Comme l'a dit Mme la ministre, seuls quelques étrangers sont concernés. Ils sont déplacés de village en village, assignés dans une chambre d'hôtel payée par l'État, qui leur offre aussi le petit-déjeuner et le dîner – mais pas le déjeuner. Ils n'ont pas le droit de travailler, ne peuvent pas franchir les limites de la commune où ils sont assignés et doivent se présenter plusieurs fois par jour au commissariat ou à la gendarmerie. Ils se trouvent ainsi dans une situation comparable à celle des personnes détenues, si ce n'est qu'ils sont leur propre gardien. Toute réhabilitation leur est impossible, et si l'interdiction du territoire est une double peine, l'assignation est pour eux la troisième. Pour certains, ce calvaire peut durer plus de dix ans.
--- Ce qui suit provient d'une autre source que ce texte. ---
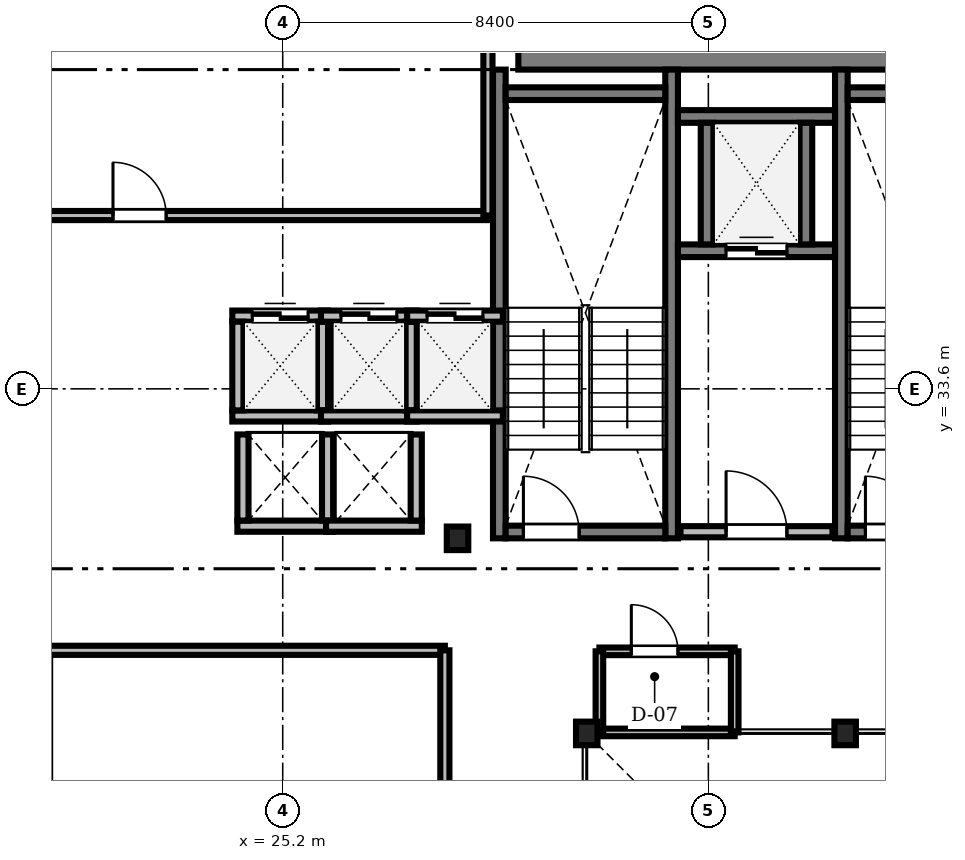
"""IFC4 building model, lengths in metres.
Left out: names, types, materials, properties, quantities, classifications, styles, units other than length and angle.
Written with IfcOpenShell. Run it as: python <this file> out.ifc"""

import sys

from ifc_helpers import new_model, si_unit, direction, frame, frame_2d, origin, origin_2d, place, context, subcontext, project, spatial, rectangle, i_section, extrude, source, transform, mapped, element, fill, save


model = new_model("IFC4")
c1 = context("Model", 3, precision=1e-05, world=origin(), true_north=direction((0.0, 1.0)))
c2 = subcontext(c1, "Body", "Model", "MODEL_VIEW")
j1 = project(units=[si_unit("LENGTHUNIT", "METRE"), si_unit("PLANEANGLEUNIT", "RADIAN")], contexts=[c1])
p1 = place(None, origin())
s1 = spatial("IfcSite", under=j1, at=p1, CompositionType="ELEMENT")
p2 = place(p1, origin())
s2 = spatial("IfcBuilding", under=s1, at=p2, CompositionType="ELEMENT")
p3 = place(p2, frame((0.0, 0.0, 133.5)))
s3 = spatial("IfcBuildingStorey", under=s2, at=p3, CompositionType="ELEMENT", Elevation=133.5)
m1 = source(origin(), c2, "Body", "SweptSolid", [
    extrude(rectangle(XDim=17.52, YDim=0.8, at=frame_2d((8.76, 0.0))), origin(), (0.0, 0.0, 1.0), 3.46),
])
p4 = place(p3, frame((29.85, 40.3, 0.0), z_axis=(0.0, 0.0, 1.0), x_axis=(1.0, 0.0, 0.0)))
e1 = element("IfcWall", 1, at=p4, inside=s3, PredefinedType="SHEAR", context=c2, shape_type="MappedRepresentation", body=[
    mapped(m1, transform((0.0, 0.0, 0.0), scale=1.0)),
])
m2 = source(origin(), c2, "Body", "SweptSolid", [
    extrude(i_section(OverallWidth=0.424, OverallDepth=0.465, WebThickness=0.035, FlangeThickness=0.056, FilletRadius=0.015, at=origin_2d()), origin(), (0.0, 0.0, 1.0), 3.46),
])
for number, where, z_axis, x_axis in (
    (2, (36.3, 26.8, 0.0), (0.0, 0.0, 1.0), (1.0, 0.0, 0.0)),
    (3, (31.2, 26.8, 0.0), (0.0, 0.0, 1.0), (1.0, 0.0, 0.0)),
    (4, (28.65, 30.65, 0.0), (0.0, 0.0, 1.0), (1.0, 0.0, 0.0)),
):
    element("IfcColumn", number, at=place(p3, frame(where, z_axis=z_axis, x_axis=x_axis)), inside=s3, PredefinedType="COLUMN", context=c2, shape_type="MappedRepresentation", body=[
        mapped(m2, transform((0.0, 0.0, 0.0), scale=1.0)),
    ])
m3 = source(origin(), c2, "Body", "SweptSolid", [
    extrude(rectangle(XDim=9.25, YDim=0.25, at=frame_2d((4.625, 0.0))), origin(), (0.0, 0.0, 1.0), 3.5),
])
for number, where, z_axis, x_axis in (
    (5, (29.475, 30.65, 0.0), (0.0, 0.0, 1.0), (0.0, 1.0, 0.0)),
    (6, (32.875, 30.65, 0.0), (0.0, 0.0, 1.0), (0.0, 1.0, 0.0)),
):
    element("IfcWall", number, at=place(p3, frame(where, z_axis=z_axis, x_axis=x_axis)), inside=s3, PredefinedType="SOLIDWALL", context=c2, shape_type="MappedRepresentation", body=[
        mapped(m3, transform((0.0, 0.0, 0.0), scale=1.0)),
    ])
m4 = source(origin(), c2, "Body", "SweptSolid", [
    extrude(rectangle(XDim=3.15, YDim=0.25, at=frame_2d((1.575, 0.0))), origin(), (0.0, 0.0, 1.0), 3.5),
])
p5 = place(p3, frame((29.6, 39.425, 0.0), z_axis=(0.0, 0.0, 1.0), x_axis=(1.0, 0.0, 0.0)))
e7 = element("IfcWall", 7, at=p5, inside=s3, PredefinedType="SOLIDWALL", context=c2, shape_type="MappedRepresentation", body=[
    mapped(m4, transform((0.0, 0.0, 0.0), scale=1.0)),
])
p6 = place(p3, frame((29.6, 30.775, 0.0), z_axis=(0.0, 0.0, 1.0), x_axis=(1.0, 0.0, 0.0)))
e8 = element("IfcWall", 8, at=p6, inside=s3, PredefinedType="SOLIDWALL", context=c2, shape_type="MappedRepresentation", body=[
    mapped(m4, transform((0.0, 0.0, 0.0), scale=1.0)),
])
m5 = source(origin(), c2, "Body", "SweptSolid", [
    extrude(rectangle(XDim=1.1, YDim=2.2, at=frame_2d((0.55, 1.1))), frame((0.0, 0.135, 0.0), z_axis=(0.0, -1.0, 0.0), x_axis=(1.0, 0.0, 0.0)), (0.0, 0.0, 1.0), 0.27),
])
p7 = place(p6, frame((0.35, 0.0, 0.0)))
e9 = element("IfcOpeningElement", 9, at=p7, cuts=e8, PredefinedType="OPENING", context=c2, shape_type="MappedRepresentation", body=[
    mapped(m5, transform((0.0, 0.0, 0.0), scale=1.0)),
])
p8 = place(p3, frame((36.225, 30.65, 0.0), z_axis=(0.0, 0.0, 1.0), x_axis=(0.0, 1.0, 0.0)))
e10 = element("IfcWall", 10, at=p8, inside=s3, PredefinedType="SOLIDWALL", context=c2, shape_type="MappedRepresentation", body=[
    mapped(m3, transform((0.0, 0.0, 0.0), scale=1.0)),
])
p9 = place(p3, frame((36.35, 39.425, 0.0), z_axis=(0.0, 0.0, 1.0), x_axis=(1.0, 0.0, 0.0)))
e11 = element("IfcWall", 11, at=p9, inside=s3, PredefinedType="SOLIDWALL", context=c2, shape_type="MappedRepresentation", body=[
    mapped(m4, transform((0.0, 0.0, 0.0), scale=1.0)),
])
p10 = place(p3, frame((36.35, 30.775, 0.0), z_axis=(0.0, 0.0, 1.0), x_axis=(1.0, 0.0, 0.0)))
e12 = element("IfcWall", 12, at=p10, inside=s3, PredefinedType="SOLIDWALL", context=c2, shape_type="MappedRepresentation", body=[
    mapped(m4, transform((0.0, 0.0, 0.0), scale=1.0)),
])
p11 = place(p10, frame((0.35, 0.0, 0.0)))
e13 = element("IfcOpeningElement", 13, at=p11, cuts=e12, PredefinedType="OPENING", context=c2, shape_type="MappedRepresentation", body=[
    mapped(m5, transform((0.0, 0.0, 0.0), scale=1.0)),
])
m6 = source(origin(), c2, "Body", "SweptSolid", [
    extrude(rectangle(XDim=3.0, YDim=0.22, at=frame_2d((1.5, 0.0))), origin(), (0.0, 0.0, 1.0), 3.46),
])
p12 = place(p3, frame((33.05, 30.78, 0.0), z_axis=(0.0, 0.0, 1.0), x_axis=(1.0, 0.0, 0.0)))
e14 = element("IfcWall", 14, at=p12, inside=s3, PredefinedType="SOLIDWALL", context=c2, shape_type="MappedRepresentation", body=[
    mapped(m6, transform((0.0, 0.0, 0.0), scale=1.0)),
])
m7 = source(origin(), c2, "Body", "SweptSolid", [
    extrude(rectangle(XDim=1.2, YDim=2.2, at=frame_2d((0.6, 1.1))), frame((0.0, 0.12, 0.0), z_axis=(0.0, -1.0, 0.0), x_axis=(1.0, 0.0, 0.0)), (0.0, 0.0, 1.0), 0.24),
])
p13 = place(p12, frame((0.9, 0.0, 0.0)))
e15 = element("IfcOpeningElement", 15, at=p13, cuts=e14, PredefinedType="OPENING", context=c2, shape_type="MappedRepresentation", body=[
    mapped(m7, transform((0.0, 0.0, 0.0), scale=1.0)),
])
m8 = source(origin(), c2, "Body", "SweptSolid", [
    extrude(rectangle(XDim=1.89, YDim=0.22, at=frame_2d((0.945, 0.0))), origin(), (0.0, 0.0, 1.0), 3.46),
])
p14 = place(p3, frame((24.205, 33.065, 0.0), z_axis=(0.0, 0.0, 1.0), x_axis=(1.0, 0.0, 0.0)))
e16 = element("IfcWall", 16, at=p14, inside=s3, PredefinedType="SOLIDWALL", context=c2, shape_type="MappedRepresentation", body=[
    mapped(m8, transform((0.0, 0.0, 0.0), scale=1.0)),
])
p15 = place(p3, frame((24.205, 35.035, 0.0), z_axis=(0.0, 0.0, 1.0), x_axis=(1.0, 0.0, 0.0)))
e17 = element("IfcWall", 17, at=p15, inside=s3, PredefinedType="SOLIDWALL", context=c2, shape_type="MappedRepresentation", body=[
    mapped(m8, transform((0.0, 0.0, 0.0), scale=1.0)),
])
m9 = source(origin(), c2, "Body", "SweptSolid", [
    extrude(rectangle(XDim=1.1, YDim=2.2, at=frame_2d((0.55, 1.1))), frame((0.0, 0.12, 0.0), z_axis=(0.0, -1.0, 0.0), x_axis=(1.0, 0.0, 0.0)), (0.0, 0.0, 1.0), 0.24),
])
p16 = place(p15, frame((0.395, 0.0, 0.0)))
e18 = element("IfcOpeningElement", 18, at=p16, cuts=e17, PredefinedType="OPENING", context=c2, shape_type="MappedRepresentation", body=[
    mapped(m9, transform((0.0, 0.0, 0.0), scale=1.0)),
])
m10 = source(origin(), c2, "Body", "SweptSolid", [
    extrude(rectangle(XDim=1.75, YDim=0.22, at=frame_2d((0.875, 0.0))), origin(), (0.0, 0.0, 1.0), 3.46),
])
for number, where, z_axis, x_axis in (
    (19, (24.315, 33.175, 0.0), (0.0, 0.0, 1.0), (0.0, 1.0, 0.0)),
    (20, (25.985, 33.175, 0.0), (0.0, 0.0, 1.0), (0.0, 1.0, 0.0)),
):
    element("IfcWall", number, at=place(p3, frame(where, z_axis=z_axis, x_axis=x_axis)), inside=s3, PredefinedType="SOLIDWALL", context=c2, shape_type="MappedRepresentation", body=[
        mapped(m10, transform((0.0, 0.0, 0.0), scale=1.0)),
    ])
p17 = place(p3, frame((25.955, 33.065, 0.0), z_axis=(0.0, 0.0, 1.0), x_axis=(1.0, 0.0, 0.0)))
e21 = element("IfcWall", 21, at=p17, inside=s3, PredefinedType="SOLIDWALL", context=c2, shape_type="MappedRepresentation", body=[
    mapped(m8, transform((0.0, 0.0, 0.0), scale=1.0)),
])
p18 = place(p3, frame((25.955, 35.035, 0.0), z_axis=(0.0, 0.0, 1.0), x_axis=(1.0, 0.0, 0.0)))
e22 = element("IfcWall", 22, at=p18, inside=s3, PredefinedType="SOLIDWALL", context=c2, shape_type="MappedRepresentation", body=[
    mapped(m8, transform((0.0, 0.0, 0.0), scale=1.0)),
])
p19 = place(p18, frame((0.395, 0.0, 0.0)))
e23 = element("IfcOpeningElement", 23, at=p19, cuts=e22, PredefinedType="OPENING", context=c2, shape_type="MappedRepresentation", body=[
    mapped(m9, transform((0.0, 0.0, 0.0), scale=1.0)),
])
p20 = place(p3, frame((27.735, 33.175, 0.0), z_axis=(0.0, 0.0, 1.0), x_axis=(0.0, 1.0, 0.0)))
e24 = element("IfcWall", 24, at=p20, inside=s3, PredefinedType="SOLIDWALL", context=c2, shape_type="MappedRepresentation", body=[
    mapped(m10, transform((0.0, 0.0, 0.0), scale=1.0)),
])
p21 = place(p3, frame((27.655, 33.065, 0.0), z_axis=(0.0, 0.0, 1.0), x_axis=(1.0, 0.0, 0.0)))
e25 = element("IfcWall", 25, at=p21, inside=s3, PredefinedType="SOLIDWALL", context=c2, shape_type="MappedRepresentation", body=[
    mapped(m8, transform((0.0, 0.0, 0.0), scale=1.0)),
])
p22 = place(p3, frame((27.655, 35.035, 0.0), z_axis=(0.0, 0.0, 1.0), x_axis=(1.0, 0.0, 0.0)))
e26 = element("IfcWall", 26, at=p22, inside=s3, PredefinedType="SOLIDWALL", context=c2, shape_type="MappedRepresentation", body=[
    mapped(m8, transform((0.0, 0.0, 0.0), scale=1.0)),
])
p23 = place(p22, frame((0.395, 0.0, 0.0)))
e27 = element("IfcOpeningElement", 27, at=p23, cuts=e26, PredefinedType="OPENING", context=c2, shape_type="MappedRepresentation", body=[
    mapped(m9, transform((0.0, 0.0, 0.0), scale=1.0)),
])
m11 = source(origin(), c2, "Body", "SweptSolid", [
    extrude(rectangle(XDim=3.1, YDim=0.25, at=frame_2d((1.55, 0.0))), origin(), (0.0, 0.0, 1.0), 3.46),
])
p24 = place(p3, frame((33.0, 36.325, 0.0), z_axis=(0.0, 0.0, 1.0), x_axis=(1.0, 0.0, 0.0)))
e28 = element("IfcWall", 28, at=p24, inside=s3, PredefinedType="SOLIDWALL", context=c2, shape_type="MappedRepresentation", body=[
    mapped(m11, transform((0.0, 0.0, 0.0), scale=1.0)),
])
m12 = source(origin(), c2, "Body", "SweptSolid", [
    extrude(rectangle(XDim=1.2, YDim=2.25, at=frame_2d((0.6, 1.125))), frame((0.0, 0.135, 0.0), z_axis=(0.0, -1.0, 0.0), x_axis=(1.0, 0.0, 0.0)), (0.0, 0.0, 1.0), 0.27),
])
p25 = place(p24, frame((0.95, 0.0, 0.0)))
e29 = element("IfcOpeningElement", 29, at=p25, cuts=e28, PredefinedType="OPENING", context=c2, shape_type="MappedRepresentation", body=[
    mapped(m12, transform((0.0, 0.0, 0.0), scale=1.0)),
])
p26 = place(p3, frame((33.0, 38.975, 0.0), z_axis=(0.0, 0.0, 1.0), x_axis=(1.0, 0.0, 0.0)))
e30 = element("IfcWall", 30, at=p26, inside=s3, PredefinedType="SOLIDWALL", context=c2, shape_type="MappedRepresentation", body=[
    mapped(m11, transform((0.0, 0.0, 0.0), scale=1.0)),
])
m13 = source(origin(), c2, "Body", "SweptSolid", [
    extrude(rectangle(XDim=2.4, YDim=0.25, at=frame_2d((1.2, 0.0))), origin(), (0.0, 0.0, 1.0), 3.46),
])
for number, where, z_axis, x_axis in (
    (31, (33.575, 36.45, 0.0), (0.0, 0.0, 1.0), (0.0, 1.0, 0.0)),
    (32, (35.525, 36.45, 0.0), (0.0, 0.0, 1.0), (0.0, 1.0, 0.0)),
):
    element("IfcWall", number, at=place(p3, frame(where, z_axis=z_axis, x_axis=x_axis)), inside=s3, PredefinedType="SOLIDWALL", context=c2, shape_type="MappedRepresentation", body=[
        mapped(m13, transform((0.0, 0.0, 0.0), scale=1.0)),
    ])
m14 = source(origin(), c2, "Body", "SweptSolid", [
    extrude(rectangle(XDim=1.89, YDim=0.22, at=frame_2d((0.945, 0.0))), origin(), (0.0, 0.0, 1.0), 3.46),
])
p27 = place(p3, frame((24.305, 30.89, 0.0), z_axis=(0.0, 0.0, 1.0), x_axis=(1.0, 0.0, 0.0)))
e33 = element("IfcWall", 33, at=p27, inside=s3, PredefinedType="SOLIDWALL", context=c2, shape_type="MappedRepresentation", body=[
    mapped(m14, transform((0.0, 0.0, 0.0), scale=1.0)),
])
m15 = source(origin(), c2, "Body", "SweptSolid", [
    extrude(rectangle(XDim=1.7, YDim=0.22, at=frame_2d((0.85, 0.0))), origin(), (0.0, 0.0, 1.0), 3.46),
])
for number, where, z_axis, x_axis in (
    (34, (24.415, 31.0, 0.0), (0.0, 0.0, 1.0), (0.0, 1.0, 0.0)),
    (35, (26.085, 31.0, 0.0), (0.0, 0.0, 1.0), (0.0, 1.0, 0.0)),
):
    element("IfcWall", number, at=place(p3, frame(where, z_axis=z_axis, x_axis=x_axis)), inside=s3, PredefinedType="SOLIDWALL", context=c2, shape_type="MappedRepresentation", body=[
        mapped(m15, transform((0.0, 0.0, 0.0), scale=1.0)),
    ])
p28 = place(p3, frame((26.055, 30.89, 0.0), z_axis=(0.0, 0.0, 1.0), x_axis=(1.0, 0.0, 0.0)))
e36 = element("IfcWall", 36, at=p28, inside=s3, PredefinedType="SOLIDWALL", context=c2, shape_type="MappedRepresentation", body=[
    mapped(m14, transform((0.0, 0.0, 0.0), scale=1.0)),
])
p29 = place(p3, frame((27.835, 31.0, 0.0), z_axis=(0.0, 0.0, 1.0), x_axis=(0.0, 1.0, 0.0)))
e37 = element("IfcWall", 37, at=p29, inside=s3, PredefinedType="SOLIDWALL", context=c2, shape_type="MappedRepresentation", body=[
    mapped(m15, transform((0.0, 0.0, 0.0), scale=1.0)),
])
m16 = source(origin(), c2, "Body", "SweptSolid", [
    extrude(rectangle(XDim=22.328, YDim=0.18, at=frame_2d((11.164, 0.0))), origin(), (0.0, 0.0, 1.0), 2.702),
])
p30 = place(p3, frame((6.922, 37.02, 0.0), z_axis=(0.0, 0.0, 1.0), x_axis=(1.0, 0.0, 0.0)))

Répondant à une question prioritaire de constitutionnalité, le Conseil constitutionnel a censuré certaines dispositions de ce régime, et c'est pourquoi cet article 3 a été introduit par le Sénat. Néanmoins, sous l'empire de ce texte, l'assignation à résidence restera perpétuelle. Ce texte n'entoure cette exception à l'exception d'aucune garantie, telle qu'une obligation de réévaluer la menace à l'ordre public à échéance fixe, accompagnée de la nécessité de justifier d'éléments nouveaux. Ce délai de cinq ans n'est donc qu'une garantie formelle, et nous aurions tout intérêt à revisiter ce dispositif.